А в Доме кино на вечере во время выступления Окуджавы произошел скандал. Снобистская публика, у которой атрофировалось непосредственное восприятие искусства, которая с пренебрежением относилась ко всему, что не стало модой, слушала Булата плохо, отпускала какие-то хамские реплики, и Булат, никогда, ни при каких обстоятельствах не поступавшийся своим достоинством, не закончив песни, повернулся и ушел со сцены. И потом много лет не ступал на порог этого дома. Мы тоже сочли себя оскорбленными и даже разрабатывали планы мести.
Все эти бурные события в жизни Булата — шутка сказать, вот так, на наших глазах к нему пришла известность, он становился кумиром взрывообразно расширяющегося круга публики, — не привели к тому, что он стал манкировать своими обязанностями в газете. Он был человеком ответственным. Мы, его коллеги, старались, чтобы режим у него был посвободнее, чтобы он мог выступать почаще. А в остальном он не отдалился от команды, вместе с нами вел с начальством бои местного значения на планерках и летучках, отстаивая те стихи, которые ему представлялись заслуживающими публикации в газете. У него вышел сборник «Острова» в «Советском писателе» — до этого, до прихода в газету, первая его книжка «Лирика» была издана в Калуге, — он подарил мне «Острова» с такой надписью: «Лазарь, это в память минувших битв и в честь грядущих новых. С любовью». И подписался — Ванька Морозов.
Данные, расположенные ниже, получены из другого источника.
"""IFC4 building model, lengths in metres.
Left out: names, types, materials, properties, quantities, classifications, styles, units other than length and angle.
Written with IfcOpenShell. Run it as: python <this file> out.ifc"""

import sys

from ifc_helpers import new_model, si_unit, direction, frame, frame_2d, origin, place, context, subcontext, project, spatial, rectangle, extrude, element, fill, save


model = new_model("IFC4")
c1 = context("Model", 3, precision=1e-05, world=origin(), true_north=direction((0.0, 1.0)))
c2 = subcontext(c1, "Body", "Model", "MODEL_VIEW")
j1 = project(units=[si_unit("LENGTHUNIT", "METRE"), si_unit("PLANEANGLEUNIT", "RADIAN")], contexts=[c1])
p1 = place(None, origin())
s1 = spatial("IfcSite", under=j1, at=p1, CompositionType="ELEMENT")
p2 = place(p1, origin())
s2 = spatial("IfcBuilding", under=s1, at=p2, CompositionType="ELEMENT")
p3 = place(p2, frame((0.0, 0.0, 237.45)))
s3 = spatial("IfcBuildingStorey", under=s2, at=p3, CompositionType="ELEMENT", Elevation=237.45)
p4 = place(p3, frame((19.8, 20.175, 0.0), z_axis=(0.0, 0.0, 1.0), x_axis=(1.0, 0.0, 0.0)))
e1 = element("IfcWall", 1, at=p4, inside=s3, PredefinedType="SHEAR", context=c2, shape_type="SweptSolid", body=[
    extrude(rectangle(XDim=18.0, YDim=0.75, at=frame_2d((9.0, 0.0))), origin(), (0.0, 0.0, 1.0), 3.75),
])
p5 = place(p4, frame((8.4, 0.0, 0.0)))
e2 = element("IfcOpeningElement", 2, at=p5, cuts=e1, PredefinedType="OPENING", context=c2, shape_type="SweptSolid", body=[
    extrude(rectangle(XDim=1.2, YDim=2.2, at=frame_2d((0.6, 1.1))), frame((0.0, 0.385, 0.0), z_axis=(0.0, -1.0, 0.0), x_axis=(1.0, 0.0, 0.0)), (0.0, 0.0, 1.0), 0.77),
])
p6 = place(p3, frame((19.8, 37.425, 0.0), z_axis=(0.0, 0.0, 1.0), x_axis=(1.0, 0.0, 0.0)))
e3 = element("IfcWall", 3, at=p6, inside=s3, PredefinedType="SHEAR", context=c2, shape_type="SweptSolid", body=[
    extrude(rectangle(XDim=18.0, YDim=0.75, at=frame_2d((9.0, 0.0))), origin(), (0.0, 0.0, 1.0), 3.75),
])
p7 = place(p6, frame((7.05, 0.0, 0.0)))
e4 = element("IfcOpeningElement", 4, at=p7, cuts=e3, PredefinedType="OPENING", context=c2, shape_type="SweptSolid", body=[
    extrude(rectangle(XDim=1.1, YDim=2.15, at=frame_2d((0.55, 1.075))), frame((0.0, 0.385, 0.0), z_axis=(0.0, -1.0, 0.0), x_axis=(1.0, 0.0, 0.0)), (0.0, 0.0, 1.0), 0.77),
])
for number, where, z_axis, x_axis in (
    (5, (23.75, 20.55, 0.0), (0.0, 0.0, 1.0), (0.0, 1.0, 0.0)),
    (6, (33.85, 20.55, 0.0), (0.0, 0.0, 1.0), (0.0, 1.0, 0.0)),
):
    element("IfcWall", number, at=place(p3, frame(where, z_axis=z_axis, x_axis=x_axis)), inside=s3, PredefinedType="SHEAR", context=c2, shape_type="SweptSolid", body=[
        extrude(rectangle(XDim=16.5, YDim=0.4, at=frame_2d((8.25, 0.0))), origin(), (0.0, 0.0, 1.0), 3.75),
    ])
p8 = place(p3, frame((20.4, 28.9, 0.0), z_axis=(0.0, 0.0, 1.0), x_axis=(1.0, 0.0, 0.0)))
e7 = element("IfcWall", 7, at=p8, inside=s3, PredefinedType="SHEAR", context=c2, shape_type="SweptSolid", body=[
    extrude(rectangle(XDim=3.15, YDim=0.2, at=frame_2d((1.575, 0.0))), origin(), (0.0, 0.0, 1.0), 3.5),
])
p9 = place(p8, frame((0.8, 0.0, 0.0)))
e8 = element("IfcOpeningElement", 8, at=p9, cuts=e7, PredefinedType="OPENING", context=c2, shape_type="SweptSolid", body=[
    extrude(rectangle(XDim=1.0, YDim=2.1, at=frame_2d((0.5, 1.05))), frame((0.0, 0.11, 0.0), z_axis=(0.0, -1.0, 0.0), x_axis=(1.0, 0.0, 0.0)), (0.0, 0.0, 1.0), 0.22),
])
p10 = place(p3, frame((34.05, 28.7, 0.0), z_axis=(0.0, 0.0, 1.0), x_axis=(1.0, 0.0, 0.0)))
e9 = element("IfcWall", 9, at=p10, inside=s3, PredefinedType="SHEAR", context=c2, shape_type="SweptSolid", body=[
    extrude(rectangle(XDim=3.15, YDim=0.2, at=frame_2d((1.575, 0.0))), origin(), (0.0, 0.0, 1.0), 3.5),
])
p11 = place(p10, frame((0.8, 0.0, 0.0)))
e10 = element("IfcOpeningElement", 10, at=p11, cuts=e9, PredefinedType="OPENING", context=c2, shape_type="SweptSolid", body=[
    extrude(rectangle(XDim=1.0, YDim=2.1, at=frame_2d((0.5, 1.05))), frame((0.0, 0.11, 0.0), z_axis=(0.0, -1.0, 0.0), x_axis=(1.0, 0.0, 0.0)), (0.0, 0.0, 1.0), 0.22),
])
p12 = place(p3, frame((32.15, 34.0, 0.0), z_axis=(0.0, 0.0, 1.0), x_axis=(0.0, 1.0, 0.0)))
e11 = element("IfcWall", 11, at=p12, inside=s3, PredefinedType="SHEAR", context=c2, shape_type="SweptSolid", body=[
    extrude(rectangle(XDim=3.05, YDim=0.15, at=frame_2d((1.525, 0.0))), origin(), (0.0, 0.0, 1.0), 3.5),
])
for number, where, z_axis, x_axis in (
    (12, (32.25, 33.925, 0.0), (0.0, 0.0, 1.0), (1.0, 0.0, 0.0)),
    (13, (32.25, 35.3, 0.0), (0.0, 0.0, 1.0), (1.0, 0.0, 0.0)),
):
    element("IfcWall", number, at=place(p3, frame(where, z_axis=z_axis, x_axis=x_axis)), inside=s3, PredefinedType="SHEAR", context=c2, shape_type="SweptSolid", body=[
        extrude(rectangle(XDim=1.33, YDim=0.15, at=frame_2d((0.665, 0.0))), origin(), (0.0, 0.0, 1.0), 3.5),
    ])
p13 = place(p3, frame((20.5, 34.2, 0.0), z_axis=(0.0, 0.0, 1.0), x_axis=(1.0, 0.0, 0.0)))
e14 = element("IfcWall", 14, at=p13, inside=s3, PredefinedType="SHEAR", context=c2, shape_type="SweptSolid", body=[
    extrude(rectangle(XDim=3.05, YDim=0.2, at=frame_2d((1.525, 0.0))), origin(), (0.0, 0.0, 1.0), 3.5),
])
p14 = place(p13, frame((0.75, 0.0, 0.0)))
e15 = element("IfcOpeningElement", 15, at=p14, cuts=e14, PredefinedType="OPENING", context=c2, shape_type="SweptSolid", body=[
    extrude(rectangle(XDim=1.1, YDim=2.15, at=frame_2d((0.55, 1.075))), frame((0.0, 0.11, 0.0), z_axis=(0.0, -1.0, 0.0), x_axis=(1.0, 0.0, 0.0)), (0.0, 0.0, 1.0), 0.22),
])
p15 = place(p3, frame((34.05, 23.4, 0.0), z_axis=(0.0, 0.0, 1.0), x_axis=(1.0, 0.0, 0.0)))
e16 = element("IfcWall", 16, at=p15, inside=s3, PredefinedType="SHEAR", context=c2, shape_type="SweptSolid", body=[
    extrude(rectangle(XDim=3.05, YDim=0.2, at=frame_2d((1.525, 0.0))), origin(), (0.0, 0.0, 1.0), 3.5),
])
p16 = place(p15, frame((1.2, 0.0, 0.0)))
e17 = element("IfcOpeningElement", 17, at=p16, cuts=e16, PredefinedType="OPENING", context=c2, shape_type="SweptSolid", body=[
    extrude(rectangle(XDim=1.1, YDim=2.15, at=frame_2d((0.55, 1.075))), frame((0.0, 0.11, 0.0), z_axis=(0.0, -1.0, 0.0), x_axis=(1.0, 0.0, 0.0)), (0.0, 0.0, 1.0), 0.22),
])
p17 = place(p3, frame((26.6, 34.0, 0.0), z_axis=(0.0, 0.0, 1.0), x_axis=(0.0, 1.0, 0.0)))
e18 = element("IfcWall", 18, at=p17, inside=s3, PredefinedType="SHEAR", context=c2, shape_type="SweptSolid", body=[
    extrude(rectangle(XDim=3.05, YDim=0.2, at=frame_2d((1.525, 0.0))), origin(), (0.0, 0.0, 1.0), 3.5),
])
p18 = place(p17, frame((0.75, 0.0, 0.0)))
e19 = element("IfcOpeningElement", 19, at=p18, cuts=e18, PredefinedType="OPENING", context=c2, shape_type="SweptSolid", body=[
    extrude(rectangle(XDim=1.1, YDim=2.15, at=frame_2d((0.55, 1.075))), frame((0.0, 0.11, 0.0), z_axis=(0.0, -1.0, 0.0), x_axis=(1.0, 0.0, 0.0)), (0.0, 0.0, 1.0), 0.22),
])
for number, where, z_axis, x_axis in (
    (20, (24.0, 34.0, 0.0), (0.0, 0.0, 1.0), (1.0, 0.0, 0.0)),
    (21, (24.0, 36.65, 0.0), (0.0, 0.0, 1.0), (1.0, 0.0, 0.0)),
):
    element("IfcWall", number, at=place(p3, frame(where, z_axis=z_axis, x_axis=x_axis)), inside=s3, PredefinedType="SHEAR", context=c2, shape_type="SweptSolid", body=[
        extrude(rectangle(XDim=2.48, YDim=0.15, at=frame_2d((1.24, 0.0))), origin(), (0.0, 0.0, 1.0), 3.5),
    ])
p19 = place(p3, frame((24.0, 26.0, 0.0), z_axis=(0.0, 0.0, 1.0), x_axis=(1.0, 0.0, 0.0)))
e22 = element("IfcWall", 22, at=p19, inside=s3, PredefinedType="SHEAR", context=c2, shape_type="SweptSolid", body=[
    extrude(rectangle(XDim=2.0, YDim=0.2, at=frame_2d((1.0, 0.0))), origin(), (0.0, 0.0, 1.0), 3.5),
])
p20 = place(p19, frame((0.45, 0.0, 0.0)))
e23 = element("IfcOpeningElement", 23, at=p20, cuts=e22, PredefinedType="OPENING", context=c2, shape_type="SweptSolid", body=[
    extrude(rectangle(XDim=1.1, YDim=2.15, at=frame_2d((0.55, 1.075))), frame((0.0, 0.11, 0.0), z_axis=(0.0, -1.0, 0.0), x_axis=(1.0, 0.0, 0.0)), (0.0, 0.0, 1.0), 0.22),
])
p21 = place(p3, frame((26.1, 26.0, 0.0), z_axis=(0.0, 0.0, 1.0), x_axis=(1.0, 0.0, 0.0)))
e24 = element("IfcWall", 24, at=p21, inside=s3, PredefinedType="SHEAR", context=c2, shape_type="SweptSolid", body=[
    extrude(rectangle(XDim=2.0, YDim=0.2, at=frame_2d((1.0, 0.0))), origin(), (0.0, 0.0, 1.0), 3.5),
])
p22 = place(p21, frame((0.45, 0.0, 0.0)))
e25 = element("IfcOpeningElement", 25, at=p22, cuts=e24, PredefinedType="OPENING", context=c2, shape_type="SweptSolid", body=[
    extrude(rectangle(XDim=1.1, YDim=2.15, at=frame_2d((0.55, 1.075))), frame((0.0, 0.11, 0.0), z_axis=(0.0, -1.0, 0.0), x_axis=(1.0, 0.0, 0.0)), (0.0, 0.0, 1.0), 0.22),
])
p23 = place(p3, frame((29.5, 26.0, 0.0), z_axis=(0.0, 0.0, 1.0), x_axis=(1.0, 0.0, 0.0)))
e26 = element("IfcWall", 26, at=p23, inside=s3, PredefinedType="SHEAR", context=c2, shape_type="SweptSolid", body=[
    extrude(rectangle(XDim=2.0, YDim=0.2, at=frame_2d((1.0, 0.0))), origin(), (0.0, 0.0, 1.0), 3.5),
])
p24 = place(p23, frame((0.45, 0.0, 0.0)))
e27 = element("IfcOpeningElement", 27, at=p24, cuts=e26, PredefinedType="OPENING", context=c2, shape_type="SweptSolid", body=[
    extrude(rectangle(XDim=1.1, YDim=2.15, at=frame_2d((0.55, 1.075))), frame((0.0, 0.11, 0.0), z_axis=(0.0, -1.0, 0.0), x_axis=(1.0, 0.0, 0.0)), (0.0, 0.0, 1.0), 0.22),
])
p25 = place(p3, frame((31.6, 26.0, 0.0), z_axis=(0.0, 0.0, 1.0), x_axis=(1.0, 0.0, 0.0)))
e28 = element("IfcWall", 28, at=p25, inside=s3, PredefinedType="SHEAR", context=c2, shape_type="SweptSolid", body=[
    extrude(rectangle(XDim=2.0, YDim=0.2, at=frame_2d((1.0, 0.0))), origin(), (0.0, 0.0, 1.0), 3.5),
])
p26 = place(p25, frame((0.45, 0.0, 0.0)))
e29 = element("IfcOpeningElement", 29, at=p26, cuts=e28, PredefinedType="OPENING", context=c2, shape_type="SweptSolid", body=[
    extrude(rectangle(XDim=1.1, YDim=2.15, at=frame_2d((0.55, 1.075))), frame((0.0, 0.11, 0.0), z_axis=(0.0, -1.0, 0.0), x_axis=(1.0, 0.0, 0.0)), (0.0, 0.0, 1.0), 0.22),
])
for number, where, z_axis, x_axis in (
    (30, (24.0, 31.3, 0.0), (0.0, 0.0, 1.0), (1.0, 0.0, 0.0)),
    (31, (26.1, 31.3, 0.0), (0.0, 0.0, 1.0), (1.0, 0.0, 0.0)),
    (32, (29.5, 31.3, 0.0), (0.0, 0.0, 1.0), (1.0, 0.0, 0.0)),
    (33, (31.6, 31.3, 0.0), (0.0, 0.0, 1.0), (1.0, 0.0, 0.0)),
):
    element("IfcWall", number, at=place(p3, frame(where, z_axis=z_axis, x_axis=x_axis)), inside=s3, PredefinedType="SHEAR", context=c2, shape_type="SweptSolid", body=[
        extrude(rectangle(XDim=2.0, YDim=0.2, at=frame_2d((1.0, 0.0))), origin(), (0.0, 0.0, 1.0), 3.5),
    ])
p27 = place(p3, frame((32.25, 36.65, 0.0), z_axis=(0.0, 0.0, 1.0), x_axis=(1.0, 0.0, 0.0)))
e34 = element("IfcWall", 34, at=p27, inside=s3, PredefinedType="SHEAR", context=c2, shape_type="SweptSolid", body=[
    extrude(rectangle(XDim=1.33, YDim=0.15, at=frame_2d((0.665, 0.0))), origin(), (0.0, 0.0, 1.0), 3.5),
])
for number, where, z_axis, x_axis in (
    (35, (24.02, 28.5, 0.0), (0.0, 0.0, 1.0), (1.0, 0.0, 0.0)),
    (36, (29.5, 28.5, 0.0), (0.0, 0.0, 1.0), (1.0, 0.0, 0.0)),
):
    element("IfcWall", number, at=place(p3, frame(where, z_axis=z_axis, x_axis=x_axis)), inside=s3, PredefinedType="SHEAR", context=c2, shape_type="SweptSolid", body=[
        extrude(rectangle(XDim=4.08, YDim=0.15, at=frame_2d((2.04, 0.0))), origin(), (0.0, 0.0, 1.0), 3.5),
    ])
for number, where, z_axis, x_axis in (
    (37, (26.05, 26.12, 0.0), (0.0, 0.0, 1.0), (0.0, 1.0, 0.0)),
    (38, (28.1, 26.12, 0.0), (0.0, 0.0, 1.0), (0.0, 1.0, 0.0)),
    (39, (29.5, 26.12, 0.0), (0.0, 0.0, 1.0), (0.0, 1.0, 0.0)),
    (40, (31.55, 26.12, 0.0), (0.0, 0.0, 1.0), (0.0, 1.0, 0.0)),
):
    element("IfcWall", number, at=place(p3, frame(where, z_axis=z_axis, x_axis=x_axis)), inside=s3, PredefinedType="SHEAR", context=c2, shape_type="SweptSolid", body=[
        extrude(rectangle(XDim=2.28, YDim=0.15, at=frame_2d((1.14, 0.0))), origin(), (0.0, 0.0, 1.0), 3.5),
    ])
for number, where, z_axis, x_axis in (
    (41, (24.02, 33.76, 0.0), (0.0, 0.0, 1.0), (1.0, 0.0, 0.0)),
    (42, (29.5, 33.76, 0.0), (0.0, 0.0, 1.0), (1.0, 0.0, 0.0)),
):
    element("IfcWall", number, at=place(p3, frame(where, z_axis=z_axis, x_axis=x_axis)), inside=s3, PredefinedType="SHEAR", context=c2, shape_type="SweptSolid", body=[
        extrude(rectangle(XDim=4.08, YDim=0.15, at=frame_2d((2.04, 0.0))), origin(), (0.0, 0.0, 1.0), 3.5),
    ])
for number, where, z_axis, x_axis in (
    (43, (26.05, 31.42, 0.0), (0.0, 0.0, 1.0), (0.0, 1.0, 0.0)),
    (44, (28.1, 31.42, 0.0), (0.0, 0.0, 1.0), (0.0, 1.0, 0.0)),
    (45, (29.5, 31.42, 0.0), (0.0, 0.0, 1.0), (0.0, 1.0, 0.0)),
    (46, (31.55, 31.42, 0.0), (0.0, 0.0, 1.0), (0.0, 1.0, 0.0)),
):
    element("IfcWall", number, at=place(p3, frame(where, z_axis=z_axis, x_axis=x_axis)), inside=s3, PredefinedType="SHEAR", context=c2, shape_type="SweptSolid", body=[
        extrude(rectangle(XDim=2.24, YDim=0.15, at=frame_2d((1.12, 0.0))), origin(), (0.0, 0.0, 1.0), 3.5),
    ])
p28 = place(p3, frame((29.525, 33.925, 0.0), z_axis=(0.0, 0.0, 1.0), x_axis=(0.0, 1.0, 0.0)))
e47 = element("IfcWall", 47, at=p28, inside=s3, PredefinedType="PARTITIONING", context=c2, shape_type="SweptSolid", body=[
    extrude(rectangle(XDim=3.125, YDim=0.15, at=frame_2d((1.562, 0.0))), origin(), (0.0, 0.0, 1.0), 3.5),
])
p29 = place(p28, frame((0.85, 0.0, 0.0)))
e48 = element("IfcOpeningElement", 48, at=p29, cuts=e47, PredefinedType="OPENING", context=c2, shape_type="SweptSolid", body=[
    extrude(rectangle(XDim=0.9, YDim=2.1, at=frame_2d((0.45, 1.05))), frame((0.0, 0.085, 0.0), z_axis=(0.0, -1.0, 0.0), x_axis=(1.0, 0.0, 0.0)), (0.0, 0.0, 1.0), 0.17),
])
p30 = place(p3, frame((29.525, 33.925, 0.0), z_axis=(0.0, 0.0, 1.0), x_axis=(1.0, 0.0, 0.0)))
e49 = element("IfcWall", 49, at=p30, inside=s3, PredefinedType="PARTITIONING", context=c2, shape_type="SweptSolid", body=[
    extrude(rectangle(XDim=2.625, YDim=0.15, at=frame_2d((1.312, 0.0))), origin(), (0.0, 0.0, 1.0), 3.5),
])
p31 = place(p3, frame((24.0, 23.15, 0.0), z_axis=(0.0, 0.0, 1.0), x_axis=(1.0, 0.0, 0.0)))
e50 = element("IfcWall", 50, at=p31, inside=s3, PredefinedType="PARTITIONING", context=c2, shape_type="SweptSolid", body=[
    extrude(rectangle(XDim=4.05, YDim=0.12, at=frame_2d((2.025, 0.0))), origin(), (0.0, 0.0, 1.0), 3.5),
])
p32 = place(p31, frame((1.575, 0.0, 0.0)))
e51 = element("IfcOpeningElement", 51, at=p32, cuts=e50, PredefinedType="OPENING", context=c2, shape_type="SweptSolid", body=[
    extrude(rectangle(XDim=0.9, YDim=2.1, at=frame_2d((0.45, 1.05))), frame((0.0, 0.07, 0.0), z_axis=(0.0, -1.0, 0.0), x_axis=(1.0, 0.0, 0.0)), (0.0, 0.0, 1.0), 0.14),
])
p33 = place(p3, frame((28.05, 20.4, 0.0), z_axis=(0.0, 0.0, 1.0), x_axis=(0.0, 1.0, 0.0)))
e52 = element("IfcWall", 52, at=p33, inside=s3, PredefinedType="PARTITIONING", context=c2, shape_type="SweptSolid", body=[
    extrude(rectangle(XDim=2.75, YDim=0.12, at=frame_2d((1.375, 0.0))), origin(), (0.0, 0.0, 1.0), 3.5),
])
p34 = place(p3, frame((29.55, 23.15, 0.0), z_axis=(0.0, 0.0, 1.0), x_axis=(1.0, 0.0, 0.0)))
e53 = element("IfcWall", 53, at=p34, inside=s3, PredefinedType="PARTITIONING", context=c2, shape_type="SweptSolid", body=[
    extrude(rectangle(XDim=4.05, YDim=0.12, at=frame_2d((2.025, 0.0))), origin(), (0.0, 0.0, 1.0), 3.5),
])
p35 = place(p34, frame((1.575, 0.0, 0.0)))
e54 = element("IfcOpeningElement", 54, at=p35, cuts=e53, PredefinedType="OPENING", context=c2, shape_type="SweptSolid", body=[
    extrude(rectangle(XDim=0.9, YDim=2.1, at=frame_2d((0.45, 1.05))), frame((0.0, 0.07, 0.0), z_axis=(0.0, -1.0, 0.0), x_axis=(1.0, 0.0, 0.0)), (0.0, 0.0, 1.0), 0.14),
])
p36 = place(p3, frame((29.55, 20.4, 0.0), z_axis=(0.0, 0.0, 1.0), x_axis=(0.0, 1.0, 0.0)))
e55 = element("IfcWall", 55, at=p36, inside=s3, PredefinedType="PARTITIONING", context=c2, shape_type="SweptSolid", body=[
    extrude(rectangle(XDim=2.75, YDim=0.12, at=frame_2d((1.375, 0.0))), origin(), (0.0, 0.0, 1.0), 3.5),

Это герой одной из первых его песен.
Когда-то Анна Ахматова написала: «Когда человек умирает, изменяются его портреты».
После кончины Булата Окуджавы меняются и его «портреты». И речь идет не только о нынешнем — позднем — государственном признании: учреждена премия его имени, в Переделкине создан и пользуется популярностью его музей, на старом Арбате на пересечении с Плотниковым переулком сооружен его памятник (хороший памятник, но как странно видеть Булата бронзовым изваянием!). Вряд ли он мог все это себе представить или мечтать об этом: долгие годы власти его не больно жаловали. Кровавое колесо советской истории проехало и по его судьбе: он был еще мальчишкой, когда расстреляли его отца и дядю, мать отправили в лагерь. Помню такой эпизод нашей «литгазетовской» поры. Мы в командировке в Тбилиси, нас пригласил в гости известный грузинский поэт Симон Чиковани. Застолье, хозяин провозглашает тост в честь Булата, говорит о трагической судьбе его родителей, которых он знал. У Булата, всегда сдержанного, никогда не терявшего самообладания, глаза полны слез. И еще одна история, которую он мне рассказал через много лет. В Париже, где он выступал на вечере поэзии, его пригласили в ресторан, которым владели грузины. И там представили ему старика, ухоженного, хорошо выглядевшего, который рассказал, что в Кутаиси в гимназии учился вместе с отцом Булата, они сидели за одной партой, дружили. Булат обрадовался этой встрече. Но потом старик сказал, что отец Булата выгнал его из Грузии. Булату было неприятно слышать, что его отец кого-то обидел, и старик это увидел, понял. «Не огорчайтесь, — сказал он, — подумайте, как сложилась его судьба, а как моя. Выгнав меня из Грузии, он сохранил мне жизнь».